# HDR Trouble with Canon 80D  help!?



## LeisaV (Jun 4, 2016)

Hi All!  I'm a newbie to the site... as I am getting closer to retirement, I am trying to take my photography a little more serious.  I just switched from a Canon D40 to the new 80D.  I used to take HDR photos and use the Photomatix software.  I set my 80D up for HDR and took some photos today.  I took the card and tried to upload the photos but there's only one photo on the card although I heard the camera take 3 photos.  Is the camera making an HDR photo internally and I don't get 3 photos?  If this doesn't make sense, I will try to explain it better...  any ideas or help would be appreciated.


----------



## Rick50 (Jun 4, 2016)

I don't know the 80D but it's possible it has HDR capability (which you say you set up for) and it did the HDR conversion for you.
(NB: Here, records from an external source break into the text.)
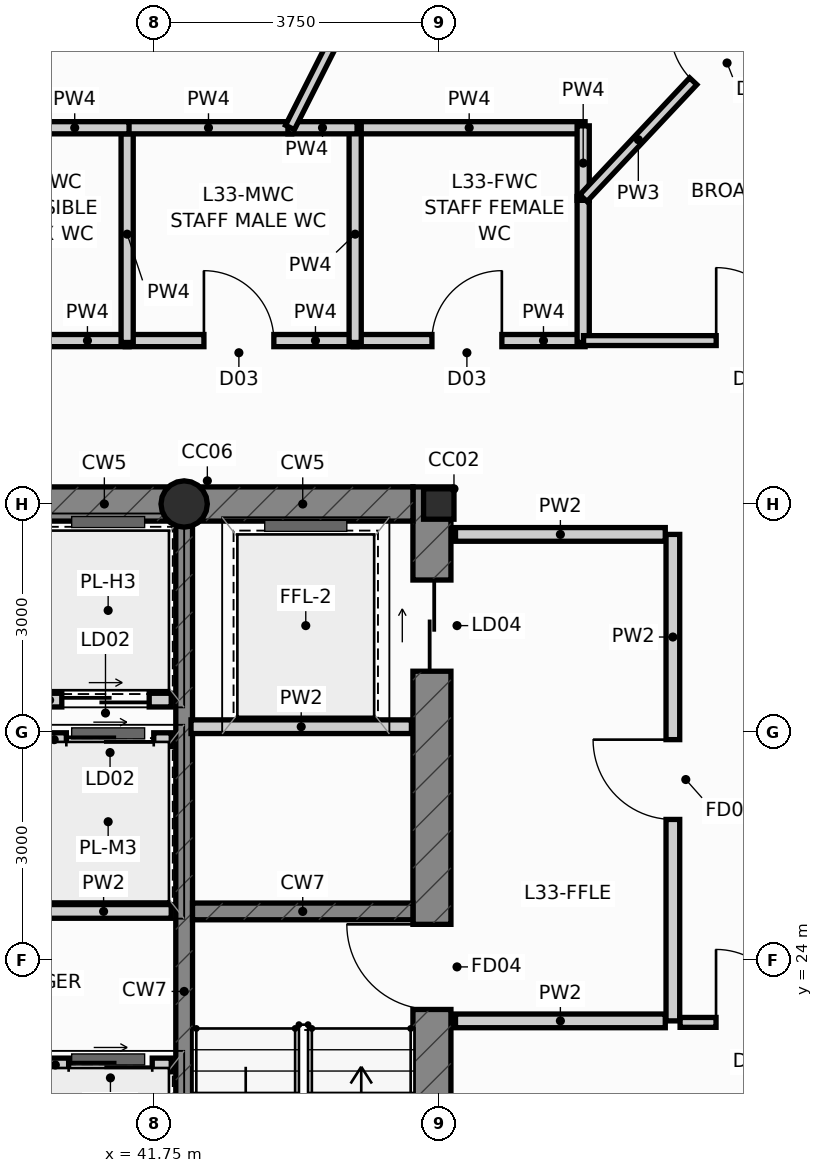
"""IFC4 building model, lengths in metres.
Left out: names, types, materials, properties, quantities, classifications, styles, units other than length and angle.
Written with IfcOpenShell. Run it as: python <this file> out.ifc"""

import sys

from ifc_helpers import new_model, si_unit, direction, frame, frame_2d, origin, origin_2d, place, context, subcontext, project, spatial, rectangle, hollow_circle, i_section, extrude, source, transform, mapped, element, fill, save


model = new_model("IFC4")
c1 = context("Model", 3, precision=1e-05, world=origin(), true_north=direction((0.0, 1.0)))
c2 = subcontext(c1, "Body", "Model", "MODEL_VIEW")
j1 = project(units=[si_unit("LENGTHUNIT", "METRE"), si_unit("PLANEANGLEUNIT", "RADIAN")], contexts=[c1])
p1 = place(None, origin())
s1 = spatial("IfcSite", under=j1, at=p1, CompositionType="ELEMENT")
p2 = place(p1, origin())
s2 = spatial("IfcBuilding", under=s1, at=p2, CompositionType="ELEMENT")
p3 = place(p2, frame((0.0, 0.0, 127.3)))
s3 = spatial("IfcBuildingStorey", under=s2, at=p3, CompositionType="ELEMENT", Elevation=127.3)
m1 = source(origin(), c2, "Body", "SweptSolid", [
    extrude(i_section(OverallWidth=0.4, OverallDepth=0.4, WebThickness=0.02, FlangeThickness=0.032, at=origin_2d()), origin(), (0.0, 0.0, 1.0), 4.5),
])
p4 = place(p3, frame((45.5, 30.0, 0.0), z_axis=(0.0, 0.0, 1.0), x_axis=(1.0, 0.0, 0.0)))
e1 = element("IfcColumn", 1, at=p4, inside=s3, PredefinedType="COLUMN", context=c2, shape_type="MappedRepresentation", body=[
    mapped(m1, transform((0.0, 0.0, 0.0), scale=1.0)),
])
m2 = source(origin(), c2, "Body", "SweptSolid", [
    extrude(hollow_circle(Radius=0.305, WallThickness=0.025, at=origin_2d()), origin(), (0.0, 0.0, 1.0), 4.5),
])
p5 = place(p3, frame((42.15, 30.0, 0.0), z_axis=(0.0, 0.0, 1.0), x_axis=(1.0, 0.0, 0.0)))
e2 = element("IfcColumn", 2, at=p5, inside=s3, PredefinedType="COLUMN", context=c2, shape_type="MappedRepresentation", body=[
    mapped(m2, transform((0.0, 0.0, 0.0), scale=1.0)),
])
p6 = place(p3, frame((45.41, 16.95, 0.0), z_axis=(0.0, 0.0, 1.0), x_axis=(0.0, 1.0, 0.0)))
e3 = element("IfcWall", 3, at=p6, inside=s3, PredefinedType="SHEAR", context=c2, shape_type="SweptSolid", body=[
    extrude(rectangle(XDim=13.275, YDim=0.5, at=frame_2d((6.638, 0.0))), origin(), (0.0, 0.0, 1.0), 4.5),
])
p7 = place(p6, frame((6.4, 0.0, 0.0)))
e4 = element("IfcOpeningElement", 4, at=p7, cuts=e3, PredefinedType="OPENING", context=c2, shape_type="SweptSolid", body=[
    extrude(rectangle(XDim=1.12, YDim=2.15, at=frame_2d((0.56, 1.075))), frame((0.0, 0.262, 0.0), z_axis=(0.0, -1.0, 0.0), x_axis=(1.0, 0.0, 0.0)), (0.0, 0.0, 1.0), 0.524),
])
p8 = place(p6, frame((10.85, 0.0, 0.0)))
e5 = element("IfcOpeningElement", 5, at=p8, cuts=e3, PredefinedType="OPENING", context=c2, shape_type="SweptSolid", body=[
    extrude(rectangle(XDim=1.2, YDim=2.2, at=frame_2d((0.6, 1.1))), frame((0.0, 0.262, 0.0), z_axis=(0.0, -1.0, 0.0), x_axis=(1.0, 0.0, 0.0)), (0.0, 0.0, 1.0), 0.524),
])
p9 = place(p3, frame((40.16, 30.0, 0.0), z_axis=(0.0, 0.0, 1.0), x_axis=(1.0, 0.0, 0.0)))
e6 = element("IfcWall", 6, at=p9, inside=s3, PredefinedType="SHEAR", context=c2, shape_type="SweptSolid", body=[
    extrude(rectangle(XDim=1.88, YDim=0.45, at=frame_2d((0.94, 0.0))), origin(), (0.0, 0.0, 1.0), 4.5),
])
p10 = place(p3, frame((42.26, 30.0, 0.0), z_axis=(0.0, 0.0, 1.0), x_axis=(1.0, 0.0, 0.0)))
e7 = element("IfcWall", 7, at=p10, inside=s3, PredefinedType="SHEAR", context=c2, shape_type="SweptSolid", body=[
    extrude(rectangle(XDim=2.9, YDim=0.45, at=frame_2d((1.45, 0.0))), origin(), (0.0, 0.0, 1.0), 4.5),
])
p11 = place(p3, frame((42.15, 16.95, 0.0), z_axis=(0.0, 0.0, 1.0), x_axis=(0.0, 1.0, 0.0)))
e8 = element("IfcWall", 8, at=p11, inside=s3, PredefinedType="SHEAR", context=c2, shape_type="SweptSolid", body=[
    extrude(rectangle(XDim=13.275, YDim=0.22, at=frame_2d((6.638, 0.0))), origin(), (0.0, 0.0, 1.0), 4.5),
])
p12 = place(p3, frame((42.26, 24.64, 0.0), z_axis=(0.0, 0.0, 1.0), x_axis=(1.0, 0.0, 0.0)))
e9 = element("IfcWall", 9, at=p12, inside=s3, PredefinedType="SHEAR", context=c2, shape_type="SweptSolid", body=[
    extrude(rectangle(XDim=2.9, YDim=0.22, at=frame_2d((1.45, 0.0))), origin(), (0.0, 0.0, 1.0), 4.5),
])
p13 = place(p3, frame((40.28, 22.62, 0.0), z_axis=(0.0, 0.0, 1.0), x_axis=(1.0, 0.0, 0.0)))
e10 = element("IfcWall", 10, at=p13, inside=s3, PredefinedType="PARTITIONING", context=c2, shape_type="SweptSolid", body=[
    extrude(rectangle(XDim=1.7, YDim=0.18, at=frame_2d((0.85, 0.0))), origin(), (0.0, 0.0, 1.0), 4.25),
])
p14 = place(p13, frame((0.35, 0.0, 0.0)))
e11 = element("IfcOpeningElement", 11, at=p14, cuts=e10, PredefinedType="OPENING", context=c2, shape_type="SweptSolid", body=[
    extrude(rectangle(XDim=1.1, YDim=2.2, at=frame_2d((0.55, 1.1))), frame((0.0, 0.102, 0.0), z_axis=(0.0, -1.0, 0.0), x_axis=(1.0, 0.0, 0.0)), (0.0, 0.0, 1.0), 0.204),
])
p15 = place(p3, frame((40.28, 26.9, 0.0), z_axis=(0.0, 0.0, 1.0), x_axis=(1.0, 0.0, 0.0)))
e12 = element("IfcWall", 12, at=p15, inside=s3, PredefinedType="PARTITIONING", context=c2, shape_type="SweptSolid", body=[
    extrude(rectangle(XDim=1.7, YDim=0.18, at=frame_2d((0.85, 0.0))), origin(), (0.0, 0.0, 1.0), 4.25),
])
p16 = place(p15, frame((0.32, 0.0, 0.0)))
e13 = element("IfcOpeningElement", 13, at=p16, cuts=e12, PredefinedType="OPENING", context=c2, shape_type="SweptSolid", body=[
    extrude(rectangle(XDim=1.15, YDim=2.2, at=frame_2d((0.575, 1.1))), frame((0.0, 0.102, 0.0), z_axis=(0.0, -1.0, 0.0), x_axis=(1.0, 0.0, 0.0)), (0.0, 0.0, 1.0), 0.204),
])
p17 = place(p3, frame((40.2, 24.64, 0.0), z_axis=(0.0, 0.0, 1.0), x_axis=(1.0, 0.0, 0.0)))
e14 = element("IfcWall", 14, at=p17, inside=s3, PredefinedType="PARTITIONING", context=c2, shape_type="SweptSolid", body=[
    extrude(rectangle(XDim=1.78, YDim=0.18, at=frame_2d((0.89, 0.0))), origin(), (0.0, 0.0, 1.0), 4.25),
])
p18 = place(p3, frame((40.22, 27.42, 0.0), z_axis=(0.0, 0.0, 1.0), x_axis=(1.0, 0.0, 0.0)))
e15 = element("IfcWall", 15, at=p18, inside=s3, PredefinedType="PARTITIONING", context=c2, shape_type="SweptSolid", body=[
    extrude(rectangle(XDim=1.76, YDim=0.18, at=frame_2d((0.88, 0.0))), origin(), (0.0, 0.0, 1.0), 4.25),
])
p19 = place(p18, frame((0.32, 0.0, 0.0)))
e16 = element("IfcOpeningElement", 16, at=p19, cuts=e15, PredefinedType="OPENING", context=c2, shape_type="SweptSolid", body=[
    extrude(rectangle(XDim=1.15, YDim=2.2, at=frame_2d((0.575, 1.1))), frame((0.0, 0.102, 0.0), z_axis=(0.0, -1.0, 0.0), x_axis=(1.0, 0.0, 0.0)), (0.0, 0.0, 1.0), 0.204),
])
p20 = place(p3, frame((48.58, 23.2, 0.0), z_axis=(0.0, 0.0, 1.0), x_axis=(0.0, 1.0, 0.0)))
e17 = element("IfcWall", 17, at=p20, inside=s3, PredefinedType="PARTITIONING", context=c2, shape_type="SweptSolid", body=[
    extrude(rectangle(XDim=6.4, YDim=0.18, at=frame_2d((3.2, 0.0))), origin(), (0.0, 0.0, 1.0), 3.928),
])
p21 = place(p20, frame((2.65, 0.0, 0.0)))
e18 = element("IfcOpeningElement", 18, at=p21, cuts=e17, PredefinedType="OPENING", context=c2, shape_type="SweptSolid", body=[
    extrude(rectangle(XDim=1.05, YDim=2.15, at=frame_2d((0.525, 1.075))), frame((0.0, 0.102, 0.0), z_axis=(0.0, -1.0, 0.0), x_axis=(1.0, 0.0, 0.0)), (0.0, 0.0, 1.0), 0.204),
])
p22 = place(p3, frame((45.72, 23.2, 0.0), z_axis=(0.0, 0.0, 1.0), x_axis=(1.0, 0.0, 0.0)))
e19 = element("IfcWall", 19, at=p22, inside=s3, PredefinedType="PARTITIONING", context=c2, shape_type="SweptSolid", body=[
    extrude(rectangle(XDim=2.76, YDim=0.18, at=frame_2d((1.38, 0.0))), origin(), (0.0, 0.0, 1.0), 4.25),
])
p23 = place(p3, frame((45.72, 29.6, 0.0), z_axis=(0.0, 0.0, 1.0), x_axis=(1.0, 0.0, 0.0)))
e20 = element("IfcWall", 20, at=p23, inside=s3, PredefinedType="PARTITIONING", context=c2, shape_type="SweptSolid", body=[
    extrude(rectangle(XDim=2.76, YDim=0.18, at=frame_2d((1.38, 0.0))), origin(), (0.0, 0.0, 1.0), 3.775),
])
p24 = place(p3, frame((42.24, 27.07, 0.0), z_axis=(0.0, 0.0, 1.0), x_axis=(1.0, 0.0, 0.0)))
e21 = element("IfcWall", 21, at=p24, inside=s3, PredefinedType="PARTITIONING", context=c2, shape_type="SweptSolid", body=[
    extrude(rectangle(XDim=2.9, YDim=0.18, at=frame_2d((1.45, 0.0))), origin(), (0.0, 0.0, 1.0), 4.25),
])
p25 = place(p3, frame((38.375, 32.15, 0.0), z_axis=(0.0, 0.0, 1.0), x_axis=(1.0, 0.0, 0.0)))
e22 = element("IfcWall", 22, at=p25, inside=s3, PredefinedType="PLUMBINGWALL", context=c2, shape_type="SweptSolid", body=[
    extrude(rectangle(XDim=3.05, YDim=0.16, at=frame_2d((1.525, 0.0))), origin(), (0.0, 0.0, 1.0), 3.928),
])
p26 = place(p25, frame((1.035, 0.0, 0.0)))
e23 = element("IfcOpeningElement", 23, at=p26, cuts=e22, PredefinedType="OPENING", context=c2, shape_type="SweptSolid", body=[
    extrude(rectangle(XDim=0.92, YDim=2.1, at=frame_2d((0.46, 1.05))), frame((0.0, 0.092, 0.0), z_axis=(0.0, -1.0, 0.0), x_axis=(1.0, 0.0, 0.0)), (0.0, 0.0, 1.0), 0.184),
])
p27 = place(p3, frame((41.375, 32.15, 0.0), z_axis=(0.0, 0.0, 1.0), x_axis=(1.0, 0.0, 0.0)))
e24 = element("IfcWall", 24, at=p27, inside=s3, PredefinedType="PLUMBINGWALL", context=c2, shape_type="SweptSolid", body=[
    extrude(rectangle(XDim=3.05, YDim=0.16, at=frame_2d((1.525, 0.0))), origin(), (0.0, 0.0, 1.0), 3.928),
])
p28 = place(p27, frame((1.035, 0.0, 0.0)))
e25 = element("IfcOpeningElement", 25, at=p28, cuts=e24, PredefinedType="OPENING", context=c2, shape_type="SweptSolid", body=[
    extrude(rectangle(XDim=0.92, YDim=2.1, at=frame_2d((0.46, 1.05))), frame((0.0, 0.092, 0.0), z_axis=(0.0, -1.0, 0.0), x_axis=(1.0, 0.0, 0.0)), (0.0, 0.0, 1.0), 0.184),
])
p29 = place(p3, frame((44.375, 32.15, 0.0), z_axis=(0.0, 0.0, 1.0), x_axis=(1.0, 0.0, 0.0)))
e26 = element("IfcWall", 26, at=p29, inside=s3, PredefinedType="PLUMBINGWALL", context=c2, shape_type="SweptSolid", body=[
    extrude(rectangle(XDim=3.05, YDim=0.16, at=frame_2d((1.525, 0.0))), origin(), (0.0, 0.0, 1.0), 3.928),
])
p30 = place(p29, frame((1.035, 0.0, 0.0)))
e27 = element("IfcOpeningElement", 27, at=p30, cuts=e26, PredefinedType="OPENING", context=c2, shape_type="SweptSolid", body=[
    extrude(rectangle(XDim=0.92, YDim=2.1, at=frame_2d((0.46, 1.05))), frame((0.0, 0.092, 0.0), z_axis=(0.0, -1.0, 0.0), x_axis=(1.0, 0.0, 0.0)), (0.0, 0.0, 1.0), 0.184),
])
p31 = place(p3, frame((47.425, 34.95, 0.0), z_axis=(0.0, 0.0, 1.0), x_axis=(-1.0, 0.0, 0.0)))
e28 = element("IfcWall", 28, at=p31, inside=s3, PredefinedType="PLUMBINGWALL", context=c2, shape_type="SweptSolid", body=[
    extrude(rectangle(XDim=3.05, YDim=0.16, at=frame_2d((1.525, 0.0))), origin(), (0.0, 0.0, 1.0), 3.928),
])
for number, where, z_axis, x_axis in (
    (29, (41.4, 32.125, 0.0), (0.0, 0.0, 1.0), (0.0, 1.0, 0.0)),
    (30, (44.4, 32.125, 0.0), (0.0, 0.0, 1.0), (0.0, 1.0, 0.0)),
):
    element("IfcWall", number, at=place(p3, frame(where, z_axis=z_axis, x_axis=x_axis)), inside=s3, PredefinedType="PLUMBINGWALL", context=c2, shape_type="SweptSolid", body=[
        extrude(rectangle(XDim=2.85, YDim=0.16, at=frame_2d((1.425, 0.0))), origin(), (0.0, 0.0, 1.0), 4.25),
    ])
p32 = place(p3, frame((41.375, 34.95, 0.0), z_axis=(0.0, 0.0, 1.0), x_axis=(1.0, 0.0, 0.0)))
e31 = element("IfcWall", 31, at=p32, inside=s3, PredefinedType="PLUMBINGWALL", context=c2, shape_type="SweptSolid", body=[
    extrude(rectangle(XDim=2.19, YDim=0.16, at=frame_2d((1.095, 0.0))), origin(), (0.0, 0.0, 1.0), 3.928),
])
p33 = place(p3, frame((47.4, 32.125, 0.0), z_axis=(0.0, 0.0, 1.0), x_axis=(0.0, 1.0, 0.0)))
e32 = element("IfcWall", 32, at=p33, inside=s3, PredefinedType="PLUMBINGWALL", context=c2, shape_type="SweptSolid", body=[
    extrude(rectangle(XDim=1.92, YDim=0.16, at=frame_2d((0.96, 0.0))), origin(), (0.0, 0.0, 1.0), 4.25),
])
p34 = place(p3, frame((39.995, 34.95, 0.0), z_axis=(0.0, 0.0, 1.0), x_axis=(1.0, 0.0, 0.0)))
e33 = element("IfcWall", 33, at=p34, inside=s3, PredefinedType="PLUMBINGWALL", context=c2, shape_type="SweptSolid", body=[
    extrude(rectangle(XDim=1.43, YDim=0.16, at=frame_2d((0.715, 0.0))), origin(), (0.0, 0.0, 1.0), 3.928),
])
p35 = place(p3, frame((47.4, 33.995, 0.0), z_axis=(0.0, 0.0, 1.0), x_axis=(0.0, 1.0, 0.0)))
e34 = element("IfcWall", 34, at=p35, inside=s3, PredefinedType="PLUMBINGWALL", context=c2, shape_type="SweptSolid", body=[
    extrude(rectangle(XDim=0.98, YDim=0.16, at=frame_2d((0.49, 0.0))), origin(), (0.0, 0.0, 1.0), 4.25),
])
p36 = place(p3, frame((43.515, 34.95, 0.0), z_axis=(0.0, 0.0, 1.0), x_axis=(1.0, 0.0, 0.0)))
e35 = element("IfcWall", 35, at=p36, inside=s3, PredefinedType="PLUMBINGWALL", context=c2, shape_type="SweptSolid", body=[
    extrude(rectangle(XDim=0.91, YDim=0.16, at=frame_2d((0.455, 0.0))), origin(), (0.0, 0.0, 1.0), 3.928),
])
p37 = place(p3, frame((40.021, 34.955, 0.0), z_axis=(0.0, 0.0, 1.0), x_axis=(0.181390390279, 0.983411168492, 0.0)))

You should use exposure bracketing instead and set the count for 3 shots and then the exposure variation to say 1 stop (or 1 1/2 etc).  Then you should get your 3 separate shots. I have the 5D Mark III and use the 2 second timer and the camera will delay 2 s, open the shutter, take the 3 shots while varying the shutter speed, then close the shutter.
The other way is to set the drive mode to high speed continuous and it will take the 3 shots by holding down the shutter button. But the mirror will also flap and it won't by using the 2 sec delay.
Do some testing with your camera and also find your manual for that camera.


----------



## LeisaV (Jun 5, 2016)

Rick50 said:


> I don't know the 80D but it's possible it has HDR capability (which you say you set up for) and it did the HDR conversion for you. You should use exposure bracketing instead and set the count for 3 shots and then the exposure variation to say 1 stop (or 1 1/2 etc).  Then you should get your 3 separate shots. I have the 5D Mark III and use the 2 second timer and the camera will delay 2 s, open the shutter, take the 3 shots while varying the shutter speed, then close the shutter.
> The other way is to set the drive mode to high speed continuous and it will take the 3 shots by holding down the shutter button. But the mirror will also flap and it won't by using the 2 sec delay.
> Do some testing with your camera and also find your manual for that camera.


----------



## LeisaV (Jun 5, 2016)

Rick,
That was a huge help!!  I totally wasn't thinking that the HDR creative program wasn't what I was looking for and that I needed to go back to the exposure bracketing for the Photomatix software.  After a bit of finagling, I have figured it out and I will try some photos today   Thank you for your post, it really helped.


----------



## kalgra (Jun 5, 2016)

If it's anything like the 70D then it's sounds like you are in the HDR backlit scene mode which processes internally. As Rick mentioned Using AEB with continuous drive mode will yield your desired result.


----------



## LeisaV (Jun 5, 2016)

Apparently you can't use wifi continuous shoot in live feed with AEB. Learning more and more every minute...  I'm on my tri-pod trying to use the shutter through my I-phone....


----------